Ma che cosa si intende con questa espressione? Si potrebbe rispondere semplicemente che ora sono le donne che esprimono la natura maschile e gli uomini, invece, l’hanno persa per somigliare via via sempre più alle donne!
Nel tempo, infatti,
si sono modificati antichi ruoli e privilegi di genere, già a partire dall’
educazione, retta ancora adesso per lo più da donne,
madri e insegnanti, ma esse stesse cambiate rispetto alle passate generazioni. Le donne plasmano
modelli di figli maschi a loro graditi e
spesso dipendenti.
Questo somigliarsi e confondersi per ciascun sesso è avvenuto per motivi diversi e in direzioni differenti. Dal punto di vista sociale e sul piano delle libertà e dei diritti,
è in corso una parificazione (si pensi alla questione dell'
età pensionabile a 65 anni anche per le donne) utile e desiderata tra i sessi.
Sul piano psicologico, invece, questa parificazione è stata pensata erroneamente come
annullamento delle differenze, facendo
perdere, a mio avviso,
qualcosa ad entrambi i sessi.
Le donne hanno iniziato a
“mascolinizzarsi” per affermare la propria identità nel mondo del lavoro, per emanciparsi, sono diventate autosufficienti economicamente; ma, ahimè, hanno perso caratteristiche come la passionalità, la dolcezza che le rendevano attraenti agli occhi degli uomini.

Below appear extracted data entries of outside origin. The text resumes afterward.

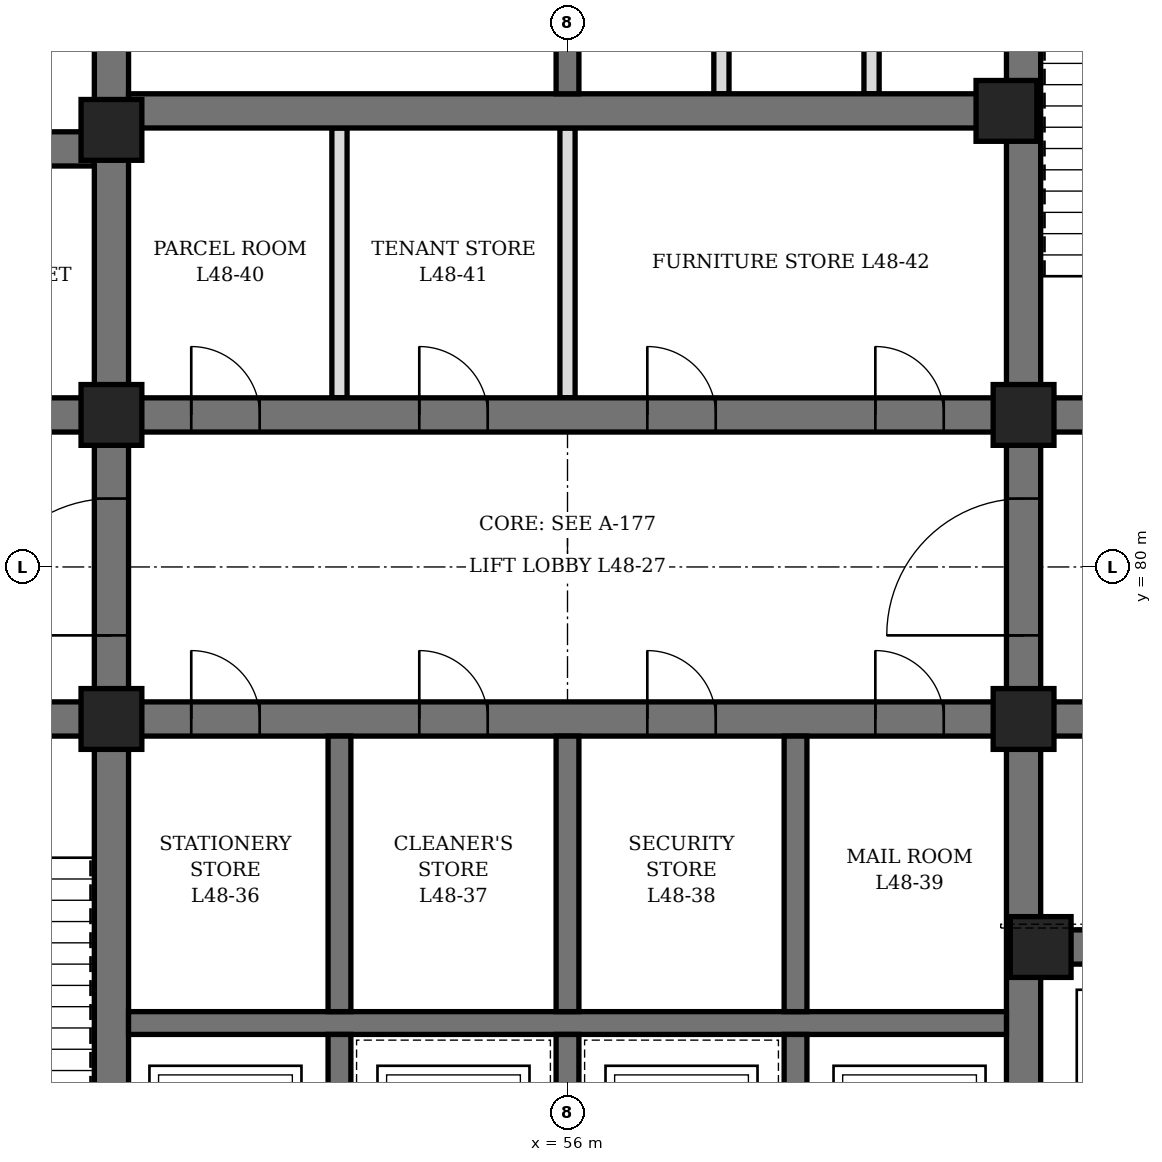
"""IFC4 building model, lengths in metres.
Left out: names, types, materials, properties, quantities, classifications, styles, units other than length and angle.
Written with IfcOpenShell. Run it as: python <this file> out.ifc"""

import sys

from ifc_helpers import new_model, si_unit, direction, frame, frame_2d, origin, origin_2d, place, context, subcontext, project, spatial, rectangle, hollow_rectangle, extrude, element, fill, save


model = new_model("IFC4")
c1 = context("Model", 3, precision=1e-05, world=origin(), true_north=direction((0.0, 1.0)))
c2 = subcontext(c1, "Body", "Model", "MODEL_VIEW")
j1 = project(units=[si_unit("LENGTHUNIT", "METRE"), si_unit("PLANEANGLEUNIT", "RADIAN")], contexts=[c1])
p1 = place(None, origin())
s1 = spatial("IfcSite", under=j1, at=p1, CompositionType="ELEMENT")
p2 = place(p1, origin())
s2 = spatial("IfcBuilding", under=s1, at=p2, CompositionType="ELEMENT")
p3 = place(p2, frame((0.0, 0.0, 214.9)))
s3 = spatial("IfcBuildingStorey", under=s2, at=p3, CompositionType="ELEMENT", Elevation=214.9)
p4 = place(p3, frame((50.0, 71.6, 0.0), z_axis=(0.0, 0.0, 1.0), x_axis=(0.0, 1.0, 0.0)))
e1 = element("IfcWall", 1, at=p4, inside=s3, PredefinedType="SHEAR", context=c2, shape_type="SweptSolid", body=[
    extrude(rectangle(XDim=16.8, YDim=0.45, at=frame_2d((8.4, 0.0))), origin(), (0.0, 0.0, 1.0), 4.2),
])
p5 = place(p4, frame((7.5, 0.0, 0.0)))
e2 = element("IfcOpeningElement", 2, at=p5, cuts=e1, PredefinedType="OPENING", context=c2, shape_type="SweptSolid", body=[
    extrude(rectangle(XDim=1.8, YDim=2.4, at=frame_2d((0.9, 1.2))), frame((0.0, 0.235, 0.0), z_axis=(0.0, -1.0, 0.0), x_axis=(1.0, 0.0, 0.0)), (0.0, 0.0, 1.0), 0.47),
])
p6 = place(p3, frame((62.0, 71.6, 0.0), z_axis=(0.0, 0.0, 1.0), x_axis=(0.0, 1.0, 0.0)))
e3 = element("IfcWall", 3, at=p6, inside=s3, PredefinedType="SHEAR", context=c2, shape_type="SweptSolid", body=[
    extrude(rectangle(XDim=16.8, YDim=0.45, at=frame_2d((8.4, 0.0))), origin(), (0.0, 0.0, 1.0), 4.2),
])
p7 = place(p6, frame((7.5, 0.0, 0.0)))
e4 = element("IfcOpeningElement", 4, at=p7, cuts=e3, PredefinedType="OPENING", context=c2, shape_type="SweptSolid", body=[
    extrude(rectangle(XDim=1.8, YDim=2.4, at=frame_2d((0.9, 1.2))), frame((0.0, 0.235, 0.0), z_axis=(0.0, -1.0, 0.0), x_axis=(1.0, 0.0, 0.0)), (0.0, 0.0, 1.0), 0.47),
])
p8 = place(p3, frame((44.6, 78.0, 0.0), z_axis=(0.0, 0.0, 1.0), x_axis=(1.0, 0.0, 0.0)))
e5 = element("IfcWall", 5, at=p8, inside=s3, PredefinedType="SHEAR", context=c2, shape_type="SweptSolid", body=[
    extrude(rectangle(XDim=5.175, YDim=0.45, at=frame_2d((2.587, 0.0))), origin(), (0.0, 0.0, 1.0), 4.2),
])
p9 = place(p8, frame((1.8, 0.0, 0.0)))
e6 = element("IfcOpeningElement", 6, at=p9, cuts=e5, PredefinedType="OPENING", context=c2, shape_type="SweptSolid", body=[
    extrude(rectangle(XDim=1.2, YDim=2.1, at=frame_2d((0.6, 1.05))), frame((0.0, 0.235, 0.0), z_axis=(0.0, -1.0, 0.0), x_axis=(1.0, 0.0, 0.0)), (0.0, 0.0, 1.0), 0.47),
])
p10 = place(p3, frame((44.6, 82.0, 0.0), z_axis=(0.0, 0.0, 1.0), x_axis=(1.0, 0.0, 0.0)))
e7 = element("IfcWall", 7, at=p10, inside=s3, PredefinedType="SHEAR", context=c2, shape_type="SweptSolid", body=[
    extrude(rectangle(XDim=5.175, YDim=0.45, at=frame_2d((2.587, 0.0))), origin(), (0.0, 0.0, 1.0), 4.2),
])
p11 = place(p10, frame((0.7, 0.0, 0.0)))
e8 = element("IfcOpeningElement", 8, at=p11, cuts=e7, PredefinedType="OPENING", context=c2, shape_type="SweptSolid", body=[
    extrude(rectangle(XDim=0.9, YDim=2.1, at=frame_2d((0.45, 1.05))), frame((0.0, 0.235, 0.0), z_axis=(0.0, -1.0, 0.0), x_axis=(1.0, 0.0, 0.0)), (0.0, 0.0, 1.0), 0.47),
])
p12 = place(p3, frame((44.6, 85.5, 0.0), z_axis=(0.0, 0.0, 1.0), x_axis=(1.0, 0.0, 0.0)))
e9 = element("IfcWall", 9, at=p12, inside=s3, PredefinedType="SHEAR", context=c2, shape_type="SweptSolid", body=[
    extrude(rectangle(XDim=5.175, YDim=0.45, at=frame_2d((2.587, 0.0))), origin(), (0.0, 0.0, 1.0), 4.2),
])
p13 = place(p12, frame((0.7, 0.0, 0.0)))
e10 = element("IfcOpeningElement", 10, at=p13, cuts=e9, PredefinedType="OPENING", context=c2, shape_type="SweptSolid", body=[
    extrude(rectangle(XDim=0.9, YDim=2.1, at=frame_2d((0.45, 1.05))), frame((0.0, 0.235, 0.0), z_axis=(0.0, -1.0, 0.0), x_axis=(1.0, 0.0, 0.0)), (0.0, 0.0, 1.0), 0.47),
])
p14 = place(p3, frame((62.225, 75.0, 0.0), z_axis=(0.0, 0.0, 1.0), x_axis=(1.0, 0.0, 0.0)))
e11 = element("IfcWall", 11, at=p14, inside=s3, PredefinedType="SHEAR", context=c2, shape_type="SweptSolid", body=[
    extrude(rectangle(XDim=5.175, YDim=0.45, at=frame_2d((2.587, 0.0))), origin(), (0.0, 0.0, 1.0), 4.2),
])
p15 = place(p14, frame((0.675, 0.0, 0.0)))
e12 = element("IfcOpeningElement", 12, at=p15, cuts=e11, PredefinedType="OPENING", context=c2, shape_type="SweptSolid", body=[
    extrude(rectangle(XDim=1.2, YDim=2.2, at=frame_2d((0.6, 1.1))), frame((0.0, 0.235, 0.0), z_axis=(0.0, -1.0, 0.0), x_axis=(1.0, 0.0, 0.0)), (0.0, 0.0, 1.0), 0.47),
])
p16 = place(p14, frame((3.425, 0.0, 0.0)))
e13 = element("IfcOpeningElement", 13, at=p16, cuts=e11, PredefinedType="OPENING", context=c2, shape_type="SweptSolid", body=[
    extrude(rectangle(XDim=1.2, YDim=2.2, at=frame_2d((0.6, 1.1))), frame((0.0, 0.235, 0.0), z_axis=(0.0, -1.0, 0.0), x_axis=(1.0, 0.0, 0.0)), (0.0, 0.0, 1.0), 0.47),
])
p17 = place(p3, frame((62.225, 78.0, 0.0), z_axis=(0.0, 0.0, 1.0), x_axis=(1.0, 0.0, 0.0)))
e14 = element("IfcWall", 14, at=p17, inside=s3, PredefinedType="SHEAR", context=c2, shape_type="SweptSolid", body=[
    extrude(rectangle(XDim=5.175, YDim=0.45, at=frame_2d((2.587, 0.0))), origin(), (0.0, 0.0, 1.0), 4.2),
])
p18 = place(p17, frame((2.175, 0.0, 0.0)))
e15 = element("IfcOpeningElement", 15, at=p18, cuts=e14, PredefinedType="OPENING", context=c2, shape_type="SweptSolid", body=[
    extrude(rectangle(XDim=1.2, YDim=2.1, at=frame_2d((0.6, 1.05))), frame((0.0, 0.235, 0.0), z_axis=(0.0, -1.0, 0.0), x_axis=(1.0, 0.0, 0.0)), (0.0, 0.0, 1.0), 0.47),
])
p19 = place(p3, frame((62.225, 82.0, 0.0), z_axis=(0.0, 0.0, 1.0), x_axis=(1.0, 0.0, 0.0)))
e16 = element("IfcWall", 16, at=p19, inside=s3, PredefinedType="SHEAR", context=c2, shape_type="SweptSolid", body=[
    extrude(rectangle(XDim=5.175, YDim=0.45, at=frame_2d((2.587, 0.0))), origin(), (0.0, 0.0, 1.0), 4.2),
])
p20 = place(p19, frame((2.175, 0.0, 0.0)))
e17 = element("IfcOpeningElement", 17, at=p20, cuts=e16, PredefinedType="OPENING", context=c2, shape_type="SweptSolid", body=[
    extrude(rectangle(XDim=1.2, YDim=2.1, at=frame_2d((0.6, 1.05))), frame((0.0, 0.235, 0.0), z_axis=(0.0, -1.0, 0.0), x_axis=(1.0, 0.0, 0.0)), (0.0, 0.0, 1.0), 0.47),
])
p21 = place(p3, frame((50.225, 78.0, 0.0), z_axis=(0.0, 0.0, 1.0), x_axis=(1.0, 0.0, 0.0)))
e18 = element("IfcWall", 18, at=p21, inside=s3, PredefinedType="SHEAR", context=c2, shape_type="SweptSolid", body=[
    extrude(rectangle(XDim=11.55, YDim=0.45, at=frame_2d((5.775, 0.0))), origin(), (0.0, 0.0, 1.0), 4.2),
])
p22 = place(p21, frame((0.825, 0.0, 0.0)))
e19 = element("IfcOpeningElement", 19, at=p22, cuts=e18, PredefinedType="OPENING", context=c2, shape_type="SweptSolid", body=[
    extrude(rectangle(XDim=0.9, YDim=2.1, at=frame_2d((0.45, 1.05))), frame((0.0, 0.235, 0.0), z_axis=(0.0, -1.0, 0.0), x_axis=(1.0, 0.0, 0.0)), (0.0, 0.0, 1.0), 0.47),
])
p23 = place(p21, frame((3.825, 0.0, 0.0)))
e20 = element("IfcOpeningElement", 20, at=p23, cuts=e18, PredefinedType="OPENING", context=c2, shape_type="SweptSolid", body=[
    extrude(rectangle(XDim=0.9, YDim=2.1, at=frame_2d((0.45, 1.05))), frame((0.0, 0.235, 0.0), z_axis=(0.0, -1.0, 0.0), x_axis=(1.0, 0.0, 0.0)), (0.0, 0.0, 1.0), 0.47),
])
p24 = place(p21, frame((6.825, 0.0, 0.0)))
e21 = element("IfcOpeningElement", 21, at=p24, cuts=e18, PredefinedType="OPENING", context=c2, shape_type="SweptSolid", body=[
    extrude(rectangle(XDim=0.9, YDim=2.1, at=frame_2d((0.45, 1.05))), frame((0.0, 0.235, 0.0), z_axis=(0.0, -1.0, 0.0), x_axis=(1.0, 0.0, 0.0)), (0.0, 0.0, 1.0), 0.47),
])
p25 = place(p21, frame((9.825, 0.0, 0.0)))
e22 = element("IfcOpeningElement", 22, at=p25, cuts=e18, PredefinedType="OPENING", context=c2, shape_type="SweptSolid", body=[
    extrude(rectangle(XDim=0.9, YDim=2.1, at=frame_2d((0.45, 1.05))), frame((0.0, 0.235, 0.0), z_axis=(0.0, -1.0, 0.0), x_axis=(1.0, 0.0, 0.0)), (0.0, 0.0, 1.0), 0.47),
])
p26 = place(p3, frame((50.225, 82.0, 0.0), z_axis=(0.0, 0.0, 1.0), x_axis=(1.0, 0.0, 0.0)))
e23 = element("IfcWall", 23, at=p26, inside=s3, PredefinedType="SHEAR", context=c2, shape_type="SweptSolid", body=[
    extrude(rectangle(XDim=11.55, YDim=0.45, at=frame_2d((5.775, 0.0))), origin(), (0.0, 0.0, 1.0), 4.2),
])
p27 = place(p26, frame((0.825, 0.0, 0.0)))
e24 = element("IfcOpeningElement", 24, at=p27, cuts=e23, PredefinedType="OPENING", context=c2, shape_type="SweptSolid", body=[
    extrude(rectangle(XDim=0.9, YDim=2.1, at=frame_2d((0.45, 1.05))), frame((0.0, 0.235, 0.0), z_axis=(0.0, -1.0, 0.0), x_axis=(1.0, 0.0, 0.0)), (0.0, 0.0, 1.0), 0.47),
])
p28 = place(p26, frame((3.825, 0.0, 0.0)))
e25 = element("IfcOpeningElement", 25, at=p28, cuts=e23, PredefinedType="OPENING", context=c2, shape_type="SweptSolid", body=[
    extrude(rectangle(XDim=0.9, YDim=2.1, at=frame_2d((0.45, 1.05))), frame((0.0, 0.235, 0.0), z_axis=(0.0, -1.0, 0.0), x_axis=(1.0, 0.0, 0.0)), (0.0, 0.0, 1.0), 0.47),
])
p29 = place(p26, frame((6.825, 0.0, 0.0)))
e26 = element("IfcOpeningElement", 26, at=p29, cuts=e23, PredefinedType="OPENING", context=c2, shape_type="SweptSolid", body=[
    extrude(rectangle(XDim=0.9, YDim=2.1, at=frame_2d((0.45, 1.05))), frame((0.0, 0.235, 0.0), z_axis=(0.0, -1.0, 0.0), x_axis=(1.0, 0.0, 0.0)), (0.0, 0.0, 1.0), 0.47),
])
p30 = place(p26, frame((9.825, 0.0, 0.0)))
e27 = element("IfcOpeningElement", 27, at=p30, cuts=e23, PredefinedType="OPENING", context=c2, shape_type="SweptSolid", body=[
    extrude(rectangle(XDim=0.9, YDim=2.1, at=frame_2d((0.45, 1.05))), frame((0.0, 0.235, 0.0), z_axis=(0.0, -1.0, 0.0), x_axis=(1.0, 0.0, 0.0)), (0.0, 0.0, 1.0), 0.47),
])
p31 = place(p3, frame((50.225, 86.0, 0.0), z_axis=(0.0, 0.0, 1.0), x_axis=(1.0, 0.0, 0.0)))
e28 = element("IfcWall", 28, at=p31, inside=s3, PredefinedType="SHEAR", context=c2, shape_type="SweptSolid", body=[
    extrude(rectangle(XDim=11.55, YDim=0.45, at=frame_2d((5.775, 0.0))), origin(), (0.0, 0.0, 1.0), 4.2),
])
p32 = place(p3, frame((50.225, 74.0, 0.0), z_axis=(0.0, 0.0, 1.0), x_axis=(1.0, 0.0, 0.0)))
e29 = element("IfcWall", 29, at=p32, inside=s3, PredefinedType="SHEAR", context=c2, shape_type="SweptSolid", body=[
    extrude(rectangle(XDim=11.55, YDim=0.3, at=frame_2d((5.775, 0.0))), origin(), (0.0, 0.0, 1.0), 4.2),
])
p33 = place(p3, frame((53.0, 71.6, 0.0), z_axis=(0.0, 0.0, 1.0), x_axis=(0.0, 1.0, 0.0)))
e30 = element("IfcWall", 30, at=p33, inside=s3, PredefinedType="SHEAR", context=c2, shape_type="SweptSolid", body=[
    extrude(rectangle(XDim=2.25, YDim=0.3, at=frame_2d((1.125, 0.0))), origin(), (0.0, 0.0, 1.0), 4.2),
])
p34 = place(p3, frame((53.0, 74.15, 0.0), z_axis=(0.0, 0.0, 1.0), x_axis=(0.0, 1.0, 0.0)))
e31 = element("IfcWall", 31, at=p34, inside=s3, PredefinedType="SHEAR", context=c2, shape_type="SweptSolid", body=[
    extrude(rectangle(XDim=3.625, YDim=0.3, at=frame_2d((1.812, 0.0))), origin(), (0.0, 0.0, 1.0), 4.2),
])
p35 = place(p3, frame((56.0, 71.6, 0.0), z_axis=(0.0, 0.0, 1.0), x_axis=(0.0, 1.0, 0.0)))
e32 = element("IfcWall", 32, at=p35, inside=s3, PredefinedType="SHEAR", context=c2, shape_type="SweptSolid", body=[
    extrude(rectangle(XDim=2.25, YDim=0.3, at=frame_2d((1.125, 0.0))), origin(), (0.0, 0.0, 1.0), 4.2),
])
p36 = place(p3, frame((56.0, 74.15, 0.0), z_axis=(0.0, 0.0, 1.0), x_axis=(0.0, 1.0, 0.0)))
e33 = element("IfcWall", 33, at=p36, inside=s3, PredefinedType="SHEAR", context=c2, shape_type="SweptSolid", body=[
    extrude(rectangle(XDim=3.625, YDim=0.3, at=frame_2d((1.812, 0.0))), origin(), (0.0, 0.0, 1.0), 4.2),
])
p37 = place(p3, frame((59.0, 71.6, 0.0), z_axis=(0.0, 0.0, 1.0), x_axis=(0.0, 1.0, 0.0)))
e34 = element("IfcWall", 34, at=p37, inside=s3, PredefinedType="SHEAR", context=c2, shape_type="SweptSolid", body=[
    extrude(rectangle(XDim=2.25, YDim=0.3, at=frame_2d((1.125, 0.0))), origin(), (0.0, 0.0, 1.0), 4.2),
])
p38 = place(p3, frame((59.0, 74.15, 0.0), z_axis=(0.0, 0.0, 1.0), x_axis=(0.0, 1.0, 0.0)))
e35 = element("IfcWall", 35, at=p38, inside=s3, PredefinedType="SHEAR", context=c2, shape_type="SweptSolid", body=[
    extrude(rectangle(XDim=3.625, YDim=0.3, at=frame_2d((1.812, 0.0))), origin(), (0.0, 0.0, 1.0), 4.2),
])
p39 = place(p3, frame((56.0, 86.225, 0.0), z_axis=(0.0, 0.0, 1.0), x_axis=(0.0, 1.0, 0.0)))
e36 = element("IfcWall", 36, at=p39, inside=s3, PredefinedType="SHEAR", context=c2, shape_type="SweptSolid", body=[
    extrude(rectangle(XDim=2.175, YDim=0.3, at=frame_2d((1.087, 0.0))), origin(), (0.0, 0.0, 1.0), 4.2),
])
for number, where, z_axis, x_axis in (
    (37, (50.0, 78.0, 0.0), (0.0, 0.0, 1.0), (1.0, 0.0, 0.0)),
    (38, (50.0, 82.0, 0.0), (0.0, 0.0, 1.0), (1.0, 0.0, 0.0)),
    (39, (50.0, 85.75, 0.0), (0.0, 0.0, 1.0), (1.0, 0.0, 0.0)),
    (40, (61.775, 86.0, 0.0), (0.0, 0.0, 1.0), (1.0, 0.0, 0.0)),
    (41, (62.0, 78.0, 0.0), (0.0, 0.0, 1.0), (1.0, 0.0, 0.0)),
    (42, (62.0, 82.0, 0.0), (0.0, 0.0, 1.0), (1.0, 0.0, 0.0)),
    (43, (62.225, 75.0, 0.0), (0.0, 0.0, 1.0), (1.0, 0.0, 0.0)),
):
    element("IfcColumn", number, at=place(p3, frame(where, z_axis=z_axis, x_axis=x_axis)), inside=s3, PredefinedType="COLUMN", context=c2, shape_type="SweptSolid", body=[
        extrude(hollow_rectangle(XDim=0.8, YDim=0.8, WallThickness=0.1, at=origin_2d()), origin(), (0.0, 0.0, 1.0), 4.2),
    ])
p40 = place(p3, frame((60.0, 86.225, 0.0), z_axis=(0.0, 0.0, 1.0), x_axis=(0.0, 1.0, 0.0)))
e44 = element("IfcWall", 44, at=p40, inside=s3, PredefinedType="PARTITIONING", context=c2, shape_type="SweptSolid", body=[
    extrude(rectangle(XDim=2.175, YDim=0.2, at=frame_2d((1.087, 0.0))), origin(), (0.0, 0.0, 1.0), 4.04),
])
p41 = place(p40, frame((0.637, 0.0, 0.0)))
e45 = element("IfcOpeningElement", 45, at=p41, cuts=e44, PredefinedType="OPENING", context=c2, shape_type="SweptSolid", body=[
    extrude(rectangle(XDim=0.9, YDim=2.1, at=frame_2d((0.45, 1.05))), frame((0.0, 0.11, 0.0), z_axis=(0.0, -1.0, 0.0), x_axis=(1.0, 0.0, 0.0)), (0.0, 0.0, 1.0), 0.22),
])
p42 = place(p3, frame((58.025, 86.225, 0.0), z_axis=(0.0, 0.0, 1.0), x_axis=(0.0, 1.0, 0.0)))
e46 = element("IfcWall", 46, at=p42, inside=s3, PredefinedType="PARTITIONING", context=c2, shape_type="SweptSolid", body=[
    extrude(rectangle(XDim=2.175, YDim=0.2, at=frame_2d((1.087, 0.0))), origin(), (0.0, 0.0, 1.0), 4.04),
])
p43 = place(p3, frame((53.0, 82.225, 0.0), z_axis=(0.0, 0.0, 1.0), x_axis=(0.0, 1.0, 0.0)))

Gli uomini invece hanno sviluppato caratteristiche femminili, perché troppo fragili e incapaci di gestire lo stress, diventando più dipendenti,
più “materni”. Niente di male, qualcuno potrebbe dire. E invece un cambiamento del genere ha il suo rovescio della medaglia per esempio sui
nuovi modelli di padre:
presenti e premurosi, questi ultimi finiscono spesso per essere
iperprotettivi, per dare consigli senza però
mai ammonire, rischiando così di essere poco incisivi nel processo di crescita, autonomia e responsabilizzazione dei figli.
Oppure,
al contrario, vediamo l’uomo aggressivo, incapace di mezze misure, tutto dedito a lavoro e profitto, o peggio, protagonista
tiranno e violento delle cronache. Gli
istinti maschili in generale sono
espulsi, anziché essere riconosciuti come vitali ed essere vissuti con
spontaneità ed equilibrio.
Come conseguenza di queste identità psicologiche confuse,
le relazioni tra uomo e donna risultano più complicate, difficili da gestire: c’è meno accettazione e comprensione delle reciproche diversità (che sostenevano però anche l’attrazione), e
nella coppia si riscontrano “doppie fragilità” o assoluta competizione.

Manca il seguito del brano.